Creo que deverias leer todos los post anteriores incluyendo el mio, cuando coloque mi duda acerca de este tema.
 "na parte da manha" ahora me queda claro que significa para los hablantes portugueses y "no literal", durante la mañana, o en la mañana o mientras transcurre la mañana hasta el mediodia.

obrigado meus amigos!
cumprimentos.

Bom, tenham uma ótima semana e até!!


----------



## LV-LEO

Te entiendo pero creo que "Na parte da manhã" no tiene tanta vuelta que darle para encontrarle el significado, es justamente lo que dice "en la parte de la mañana" o le encontraste algun otro?


----------



## Tomby

*PARTE DE LA MAÑANA* la tengo ocupada con la lectura del periódico, la gimnasia, la compra y la cocina.


----------



## portunholes

LV-LEO said:


> Te entiendo pero creo que "Na parte da manhã" no tiene tanta vuelta que darle para encontrarle el significado, es justamente lo que dice "en la parte de la mañana" o le encontraste algun otro?


 
Otra vez! si lees los post anteriores te daras cuenta que los foristas de habla portuguesa encontraron otros significados.
A VER GENIO! SI NO TIENE VUELTA EL TEXTO COMPLETO:

Na parte da manhã, como eu sabia que ele ia enrolar na cama e provavelmente, tiraria mais uma sonequinha 

Vanda voce me pode ajudar?
obrigado


----------



## LV-LEO

> "Na parte da manhã, como eu sabia que ele ia enrolar na cama e provavelmente, tiraria mais uma sonequinha"


 
"sonequinha" acho tem alguma coisa a ver com "sono" qué vocês acham ai?

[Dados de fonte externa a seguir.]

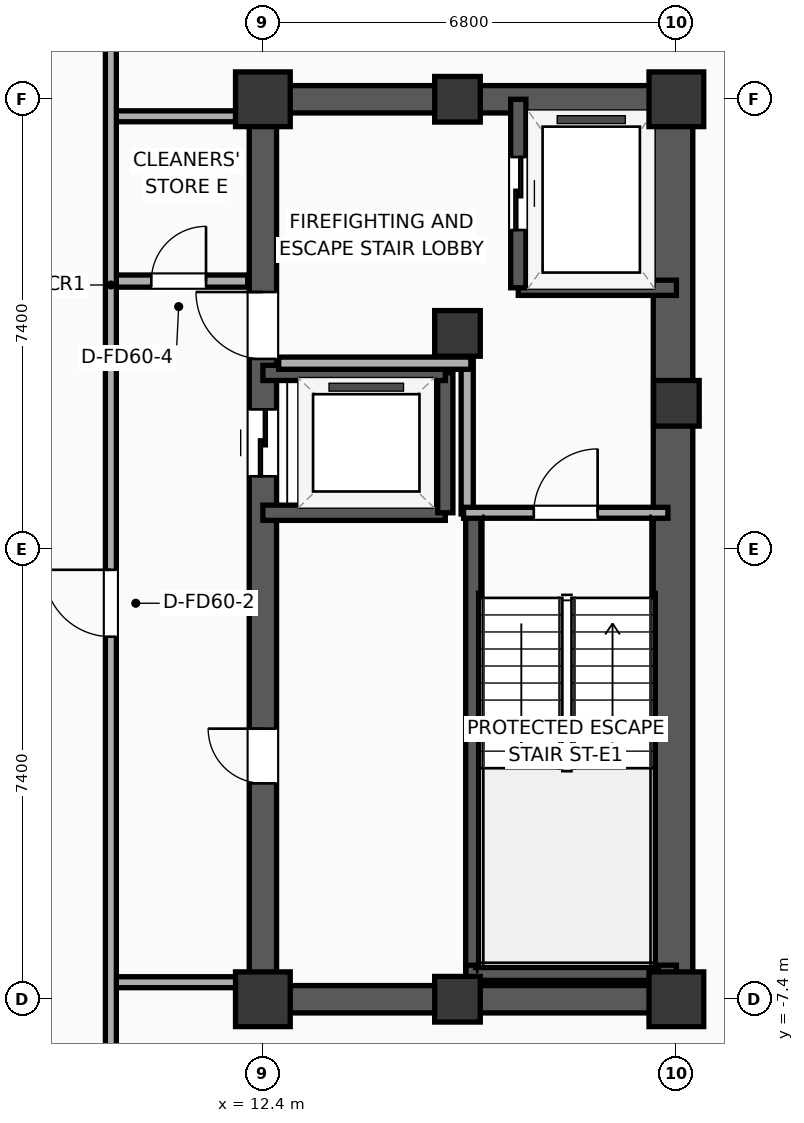
"""IFC4 building model, lengths in metres.
Left out: names, types, materials, properties, quantities, classifications, styles, units other than length and angle.
Written with IfcOpenShell. Run it as: python <this file> out.ifc"""

import sys

from ifc_helpers import new_model, si_unit, direction, frame, frame_2d, origin, origin_2d, place, context, subcontext, project, spatial, rectangle, extrude, element, fill, save


model = new_model("IFC4")
c1 = context("Model", 3, precision=1e-05, world=origin(), true_north=direction((0.0, 1.0)))
c2 = subcontext(c1, "Body", "Model", "MODEL_VIEW")
j1 = project(units=[si_unit("LENGTHUNIT", "METRE"), si_unit("PLANEANGLEUNIT", "RADIAN")], contexts=[c1])
p1 = place(None, origin())
s1 = spatial("IfcSite", under=j1, at=p1, CompositionType="ELEMENT")
p2 = place(p1, origin())
s2 = spatial("IfcBuilding", under=s1, at=p2, CompositionType="ELEMENT")
p3 = place(p2, frame((0.0, 0.0, 208.0)))
s3 = spatial("IfcBuildingStorey", under=s2, at=p3, CompositionType="ELEMENT", Elevation=208.0)
p4 = place(p3, frame((12.4, -7.4, 0.0), z_axis=(0.0, 0.0, 1.0), x_axis=(1.0, 0.0, 0.0)))
e1 = element("IfcColumn", 1, at=p4, inside=s3, PredefinedType="COLUMN", context=c2, shape_type="SweptSolid", body=[
    extrude(rectangle(XDim=0.9, YDim=0.9, at=origin_2d()), origin(), (0.0, 0.0, 1.0), 3.9),
])
p5 = place(p3, frame((15.6, 3.55, 0.0), z_axis=(0.0, 0.0, 1.0), x_axis=(1.0, 0.0, 0.0)))
e2 = element("IfcColumn", 2, at=p5, inside=s3, PredefinedType="COLUMN", context=c2, shape_type="SweptSolid", body=[
    extrude(rectangle(XDim=0.75, YDim=0.75, at=origin_2d()), origin(), (0.0, 0.0, 1.0), 3.9),
])
p6 = place(p3, frame((12.4, 7.4, 0.0), z_axis=(0.0, 0.0, 1.0), x_axis=(1.0, 0.0, 0.0)))
e3 = element("IfcColumn", 3, at=p6, inside=s3, PredefinedType="COLUMN", context=c2, shape_type="SweptSolid", body=[
    extrude(rectangle(XDim=0.9, YDim=0.9, at=origin_2d()), origin(), (0.0, 0.0, 1.0), 3.9),
])
for number, where, z_axis, x_axis in (
    (4, (15.6, -7.4, 0.0), (0.0, 0.0, 1.0), (1.0, 0.0, 0.0)),
    (5, (15.6, 7.4, 0.0), (0.0, 0.0, 1.0), (1.0, 0.0, 0.0)),
):
    element("IfcColumn", number, at=place(p3, frame(where, z_axis=z_axis, x_axis=x_axis)), inside=s3, PredefinedType="COLUMN", context=c2, shape_type="SweptSolid", body=[
        extrude(rectangle(XDim=0.75, YDim=0.75, at=origin_2d()), origin(), (0.0, 0.0, 1.0), 3.9),
    ])
p7 = place(p3, frame((19.2, -7.4, 0.0), z_axis=(0.0, 0.0, 1.0), x_axis=(1.0, 0.0, 0.0)))
e6 = element("IfcColumn", 6, at=p7, inside=s3, PredefinedType="COLUMN", context=c2, shape_type="SweptSolid", body=[
    extrude(rectangle(XDim=0.9, YDim=0.9, at=origin_2d()), origin(), (0.0, 0.0, 1.0), 3.9),
])
p8 = place(p3, frame((19.2, 2.4, 0.0), z_axis=(0.0, 0.0, 1.0), x_axis=(1.0, 0.0, 0.0)))
e7 = element("IfcColumn", 7, at=p8, inside=s3, PredefinedType="COLUMN", context=c2, shape_type="SweptSolid", body=[
    extrude(rectangle(XDim=0.75, YDim=0.75, at=origin_2d()), origin(), (0.0, 0.0, 1.0), 3.9),
])
p9 = place(p3, frame((19.2, 7.4, 0.0), z_axis=(0.0, 0.0, 1.0), x_axis=(1.0, 0.0, 0.0)))
e8 = element("IfcColumn", 8, at=p9, inside=s3, PredefinedType="COLUMN", context=c2, shape_type="SweptSolid", body=[
    extrude(rectangle(XDim=0.9, YDim=0.9, at=origin_2d()), origin(), (0.0, 0.0, 1.0), 3.9),
])
for number, where, z_axis, x_axis in (
    (9, (12.175, -7.4, 0.0), (0.0, 0.0, 1.0), (1.0, 0.0, 0.0)),
    (10, (12.175, 7.4, 0.0), (0.0, 0.0, 1.0), (1.0, 0.0, 0.0)),
):
    element("IfcWall", number, at=place(p3, frame(where, z_axis=z_axis, x_axis=x_axis)), inside=s3, PredefinedType="SHEAR", context=c2, shape_type="SweptSolid", body=[
        extrude(rectangle(XDim=7.25, YDim=0.45, at=frame_2d((3.625, 0.0))), origin(), (0.0, 0.0, 1.0), 3.65),
    ])
p10 = place(p3, frame((12.4, -7.4, 0.0), z_axis=(0.0, 0.0, 1.0), x_axis=(0.0, 1.0, 0.0)))
e11 = element("IfcWall", 11, at=p10, inside=s3, PredefinedType="SHEAR", context=c2, shape_type="SweptSolid", body=[
    extrude(rectangle(XDim=14.8, YDim=0.45, at=frame_2d((7.4, 0.0))), origin(), (0.0, 0.0, 1.0), 3.65),
])
p11 = place(p10, frame((8.6, 0.0, 0.0)))
e12 = element("IfcOpeningElement", 12, at=p11, cuts=e11, PredefinedType="OPENING", context=c2, shape_type="SweptSolid", body=[
    extrude(rectangle(XDim=1.1, YDim=2.05, at=frame_2d((0.55, 1.025))), frame((0.0, 0.235, 0.0), z_axis=(0.0, -1.0, 0.0), x_axis=(1.0, 0.0, 0.0)), (0.0, 0.0, 1.0), 0.47),
])
p12 = place(p10, frame((10.53, 0.0, 0.0)))
e13 = element("IfcOpeningElement", 13, at=p12, cuts=e11, PredefinedType="OPENING", context=c2, shape_type="SweptSolid", body=[
    extrude(rectangle(XDim=1.1, YDim=2.05, at=frame_2d((0.55, 1.025))), frame((0.0, 0.235, 0.0), z_axis=(0.0, -1.0, 0.0), x_axis=(1.0, 0.0, 0.0)), (0.0, 0.0, 1.0), 0.47),
])
p13 = place(p10, frame((3.55, 0.0, 0.0)))
e14 = element("IfcOpeningElement", 14, at=p13, cuts=e11, PredefinedType="OPENING", context=c2, shape_type="SweptSolid", body=[
    extrude(rectangle(XDim=0.9, YDim=2.05, at=frame_2d((0.45, 1.025))), frame((0.0, 0.235, 0.0), z_axis=(0.0, -1.0, 0.0), x_axis=(1.0, 0.0, 0.0)), (0.0, 0.0, 1.0), 0.47),
])
p14 = place(p3, frame((19.145, -7.4, 0.0), z_axis=(0.0, 0.0, 1.0), x_axis=(0.0, 1.0, 0.0)))
e15 = element("IfcWall", 15, at=p14, inside=s3, PredefinedType="SHEAR", context=c2, shape_type="SweptSolid", body=[
    extrude(rectangle(XDim=14.8, YDim=0.65, at=frame_2d((7.4, 0.0))), origin(), (0.0, 0.0, 1.0), 3.65),
])
p15 = place(p3, frame((15.86, -7.085, 0.0), z_axis=(0.0, 0.0, 1.0), x_axis=(0.0, 1.0, 0.0)))
e16 = element("IfcWall", 16, at=p15, inside=s3, PredefinedType="SOLIDWALL", context=c2, shape_type="SweptSolid", body=[
    extrude(rectangle(XDim=7.685, YDim=0.25, at=frame_2d((3.843, 0.0))), origin(), (0.0, 0.0, 1.0), 3.65),
])
p16 = place(p3, frame((15.74, -6.965, 0.0), z_axis=(0.0, 0.0, 1.0), x_axis=(1.0, 0.0, 0.0)))
e17 = element("IfcWall", 17, at=p16, inside=s3, PredefinedType="SOLIDWALL", context=c2, shape_type="SweptSolid", body=[
    extrude(rectangle(XDim=3.46, YDim=0.25, at=frame_2d((1.73, 0.0))), origin(), (0.0, 0.0, 1.0), 3.65),
])
p17 = place(p3, frame((16.6, 4.3, 0.0), z_axis=(0.0, 0.0, 1.0), x_axis=(1.0, 0.0, 0.0)))
e18 = element("IfcWall", 18, at=p17, inside=s3, PredefinedType="SOLIDWALL", context=c2, shape_type="SweptSolid", body=[
    extrude(rectangle(XDim=2.6, YDim=0.25, at=frame_2d((1.3, 0.0))), origin(), (0.0, 0.0, 1.0), 3.65),
])
p18 = place(p3, frame((16.6, 7.4, 0.0), z_axis=(0.0, 0.0, 1.0), x_axis=(0.0, -1.0, 0.0)))
e19 = element("IfcWall", 19, at=p18, inside=s3, PredefinedType="SOLIDWALL", context=c2, shape_type="SweptSolid", body=[
    extrude(rectangle(XDim=3.1, YDim=0.25, at=frame_2d((1.55, 0.0))), origin(), (0.0, 0.0, 1.0), 3.65),
])
p19 = place(p18, frame((0.95, 0.0, 0.0)))
e20 = element("IfcOpeningElement", 20, at=p19, cuts=e19, PredefinedType="OPENING", context=c2, shape_type="SweptSolid", body=[
    extrude(rectangle(XDim=1.2, YDim=2.05, at=frame_2d((0.6, 1.025))), frame((0.0, 0.135, 0.0), z_axis=(0.0, -1.0, 0.0), x_axis=(1.0, 0.0, 0.0)), (0.0, 0.0, 1.0), 0.27),
])
p20 = place(p3, frame((12.4, 0.6, 0.0), z_axis=(0.0, 0.0, 1.0), x_axis=(1.0, 0.0, 0.0)))
e21 = element("IfcWall", 21, at=p20, inside=s3, PredefinedType="SOLIDWALL", context=c2, shape_type="SweptSolid", body=[
    extrude(rectangle(XDim=3.0, YDim=0.25, at=frame_2d((1.5, 0.0))), origin(), (0.0, 0.0, 1.0), 3.65),
])
p21 = place(p3, frame((15.4, 0.6, 0.0), z_axis=(0.0, 0.0, 1.0), x_axis=(0.0, 1.0, 0.0)))
e22 = element("IfcWall", 22, at=p21, inside=s3, PredefinedType="SOLIDWALL", context=c2, shape_type="SweptSolid", body=[
    extrude(rectangle(XDim=2.3, YDim=0.25, at=frame_2d((1.15, 0.0))), origin(), (0.0, 0.0, 1.0), 3.65),
])
p22 = place(p3, frame((15.4, 2.9, 0.0), z_axis=(0.0, 0.0, 1.0), x_axis=(-1.0, 0.0, 0.0)))
e23 = element("IfcWall", 23, at=p22, inside=s3, PredefinedType="SOLIDWALL", context=c2, shape_type="SweptSolid", body=[
    extrude(rectangle(XDim=3.0, YDim=0.25, at=frame_2d((1.5, 0.0))), origin(), (0.0, 0.0, 1.0), 3.65),
])
p23 = place(p3, frame((15.76, 0.58, 0.0), z_axis=(0.0, 0.0, 1.0), x_axis=(0.0, 1.0, 0.0)))
e24 = element("IfcWall", 24, at=p23, inside=s3, PredefinedType="PARTITIONING", context=c2, shape_type="SweptSolid", body=[
    extrude(rectangle(XDim=2.52, YDim=0.2, at=frame_2d((1.26, 0.0))), origin(), (0.0, 0.0, 1.0), 3.65),
])
p24 = place(p3, frame((12.66, 3.06, 0.0), z_axis=(0.0, 0.0, 1.0), x_axis=(1.0, 0.0, 0.0)))
e25 = element("IfcWall", 25, at=p24, inside=s3, PredefinedType="PARTITIONING", context=c2, shape_type="SweptSolid", body=[
    extrude(rectangle(XDim=3.16, YDim=0.2, at=frame_2d((1.58, 0.0))), origin(), (0.0, 0.0, 1.0), 3.65),
])
p25 = place(p3, frame((15.7, 0.6, 0.0), z_axis=(0.0, 0.0, 1.0), x_axis=(1.0, 0.0, 0.0)))
e26 = element("IfcWall", 26, at=p25, inside=s3, PredefinedType="PARTITIONING", context=c2, shape_type="SweptSolid", body=[
    extrude(rectangle(XDim=3.36, YDim=0.18, at=frame_2d((1.68, 0.0))), origin(), (0.0, 0.0, 1.0), 3.65),
])
p26 = place(p25, frame((1.155, 0.0, 0.0)))
e27 = element("IfcOpeningElement", 27, at=p26, cuts=e26, PredefinedType="OPENING", context=c2, shape_type="SweptSolid", body=[
    extrude(rectangle(XDim=1.05, YDim=2.05, at=frame_2d((0.525, 1.025))), frame((0.0, 0.1, 0.0), z_axis=(0.0, -1.0, 0.0), x_axis=(1.0, 0.0, 0.0)), (0.0, 0.0, 1.0), 0.2),
])
p27 = place(p3, frame((9.88, 4.41, 0.0), z_axis=(0.0, 0.0, 1.0), x_axis=(1.0, 0.0, 0.0)))
e28 = element("IfcWall", 28, at=p27, inside=s3, PredefinedType="PARTITIONING", context=c2, shape_type="SweptSolid", body=[
    extrude(rectangle(XDim=2.27, YDim=0.2, at=frame_2d((1.135, 0.0))), origin(), (0.0, 0.0, 1.0), 3.65),
])
p28 = place(p27, frame((0.685, 0.0, 0.0)))
e29 = element("IfcOpeningElement", 29, at=p28, cuts=e28, PredefinedType="OPENING", context=c2, shape_type="SweptSolid", body=[
    extrude(rectangle(XDim=0.9, YDim=2.05, at=frame_2d((0.45, 1.025))), frame((0.0, 0.11, 0.0), z_axis=(0.0, -1.0, 0.0), x_axis=(1.0, 0.0, 0.0)), (0.0, 0.0, 1.0), 0.22),
])
for number, where, z_axis, x_axis in (
    (30, (9.88, 7.12, 0.0), (0.0, 0.0, 1.0), (1.0, 0.0, 0.0)),
    (31, (9.88, -7.12, 0.0), (0.0, 0.0, 1.0), (1.0, 0.0, 0.0)),
):
    element("IfcWall", number, at=place(p3, frame(where, z_axis=z_axis, x_axis=x_axis)), inside=s3, PredefinedType="PARTITIONING", context=c2, shape_type="SweptSolid", body=[
        extrude(rectangle(XDim=2.27, YDim=0.18, at=frame_2d((1.135, 0.0))), origin(), (0.0, 0.0, 1.0), 3.65),
    ])
p29 = place(p3, frame((9.9, -8.88, 0.0), z_axis=(0.0, 0.0, 1.0), x_axis=(0.0, 1.0, 0.0)))
e32 = element("IfcWall", 32, at=p29, inside=s3, PredefinedType="PARTITIONING", context=c2, shape_type="SweptSolid", body=[
    extrude(rectangle(XDim=17.76, YDim=0.18, at=frame_2d((8.88, 0.0))), origin(), (0.0, 0.0, 1.0), 3.65),
])
p30 = place(p29, frame((7.442, 0.0, 0.0)))
e33 = element("IfcOpeningElement", 33, at=p30, cuts=e32, PredefinedType="OPENING", context=c2, shape_type="SweptSolid", body=[
    extrude(rectangle(XDim=1.1, YDim=2.05, at=frame_2d((0.55, 1.025))), frame((0.0, 0.1, 0.0), z_axis=(0.0, -1.0, 0.0), x_axis=(1.0, 0.0, 0.0)), (0.0, 0.0, 1.0), 0.2),
])
p31 = place(p19, origin())
e34 = element("IfcDoor", 34, at=p31, inside=s3, OperationType="SLIDING_TO_LEFT", PredefinedType="DOOR", context=c2, shape_type="SweptSolid", body=[
    extrude(rectangle(XDim=1.2, YDim=2.05, at=frame_2d((0.6, 1.025))), frame((0.0, 0.025, 0.0), z_axis=(0.0, -1.0, 0.0), x_axis=(1.0, 0.0, 0.0)), (0.0, 0.0, 1.0), 0.05),
])
fill(e20, e34)
p32 = place(p11, origin())
e35 = element("IfcDoor", 35, at=p32, inside=s3, OperationType="SLIDING_TO_LEFT", PredefinedType="DOOR", context=c2, shape_type="SweptSolid", body=[
    extrude(rectangle(XDim=1.1, YDim=2.05, at=frame_2d((0.55, 1.025))), frame((0.0, 0.025, 0.0), z_axis=(0.0, -1.0, 0.0), x_axis=(1.0, 0.0, 0.0)), (0.0, 0.0, 1.0), 0.05),
])
fill(e12, e35)
p33 = place(p26, origin())
e36 = element("IfcDoor", 36, at=p33, inside=s3, OperationType="SINGLE_SWING_RIGHT", PredefinedType="DOOR", context=c2, shape_type="SweptSolid", body=[
    extrude(rectangle(XDim=1.05, YDim=2.05, at=frame_2d((0.525, 1.025))), frame((0.0, 0.025, 0.0), z_axis=(0.0, -1.0, 0.0), x_axis=(1.0, 0.0, 0.0)), (0.0, 0.0, 1.0), 0.05),
])
fill(e27, e36)
p34 = place(p28, origin())
e37 = element("IfcDoor", 37, at=p34, inside=s3, OperationType="SINGLE_SWING_RIGHT", PredefinedType="DOOR", context=c2, shape_type="SweptSolid", body=[
    extrude(rectangle(XDim=0.9, YDim=2.05, at=frame_2d((0.45, 1.025))), frame((0.0, 0.025, 0.0), z_axis=(0.0, -1.0, 0.0), x_axis=(1.0, 0.0, 0.0)), (0.0, 0.0, 1.0), 0.05),
])
fill(e29, e37)
p35 = place(p30, origin())
e38 = element("IfcDoor", 38, at=p35, inside=s3, OperationType="SINGLE_SWING_RIGHT", PredefinedType="DOOR", context=c2, shape_type="SweptSolid", body=[
    extrude(rectangle(XDim=1.1, YDim=2.05, at=frame_2d((0.55, 1.025))), frame((0.0, 0.025, 0.0), z_axis=(0.0, -1.0, 0.0), x_axis=(1.0, 0.0, 0.0)), (0.0, 0.0, 1.0), 0.05),
])
fill(e33, e38)
p36 = place(p12, origin())
e39 = element("IfcDoor", 39, at=p36, inside=s3, OperationType="SINGLE_SWING_RIGHT", PredefinedType="DOOR", context=c2, shape_type="SweptSolid", body=[
    extrude(rectangle(XDim=1.1, YDim=2.05, at=frame_2d((0.55, 1.025))), frame((0.0, 0.025, 0.0), z_axis=(0.0, -1.0, 0.0), x_axis=(1.0, 0.0, 0.0)), (0.0, 0.0, 1.0), 0.05),
])
fill(e13, e39)
p37 = place(p13, origin())
e40 = element("IfcDoor", 40, at=p37, inside=s3, OperationType="SINGLE_SWING_RIGHT", PredefinedType="DOOR", context=c2, shape_type="SweptSolid", body=[
    extrude(rectangle(XDim=0.9, YDim=2.05, at=frame_2d((0.45, 1.025))), frame((0.0, 0.025, 0.0), z_axis=(0.0, -1.0, 0.0), x_axis=(1.0, 0.0, 0.0)), (0.0, 0.0, 1.0), 0.05),
])
fill(e14, e40)
save(model, sys.argv[1])

> Otra vez! si lees los post anteriores te daras cuenta que los foristas de habla portuguesa encontraron otros significados.


 
No encontré ningun otro significado. Sólo una confusión entre Outsider y souquemsabess que luego aclaró MOC.


----------



## Vanda

Asdru, na parte do espanhol você vai ter que contar com a ajuda dos nossos amigos. Agora vou dar meu pitaco na parte do português:


> Na parte da manhã, como eu sabia que ele ia enrolar na cama e provavelmente, tiraria mais uma sonequinha


O sentido é que a pessoa ia ficar mais tempo na cama no período da manhã, dormir mais um pouquinho (uma sonequinha) ...


----------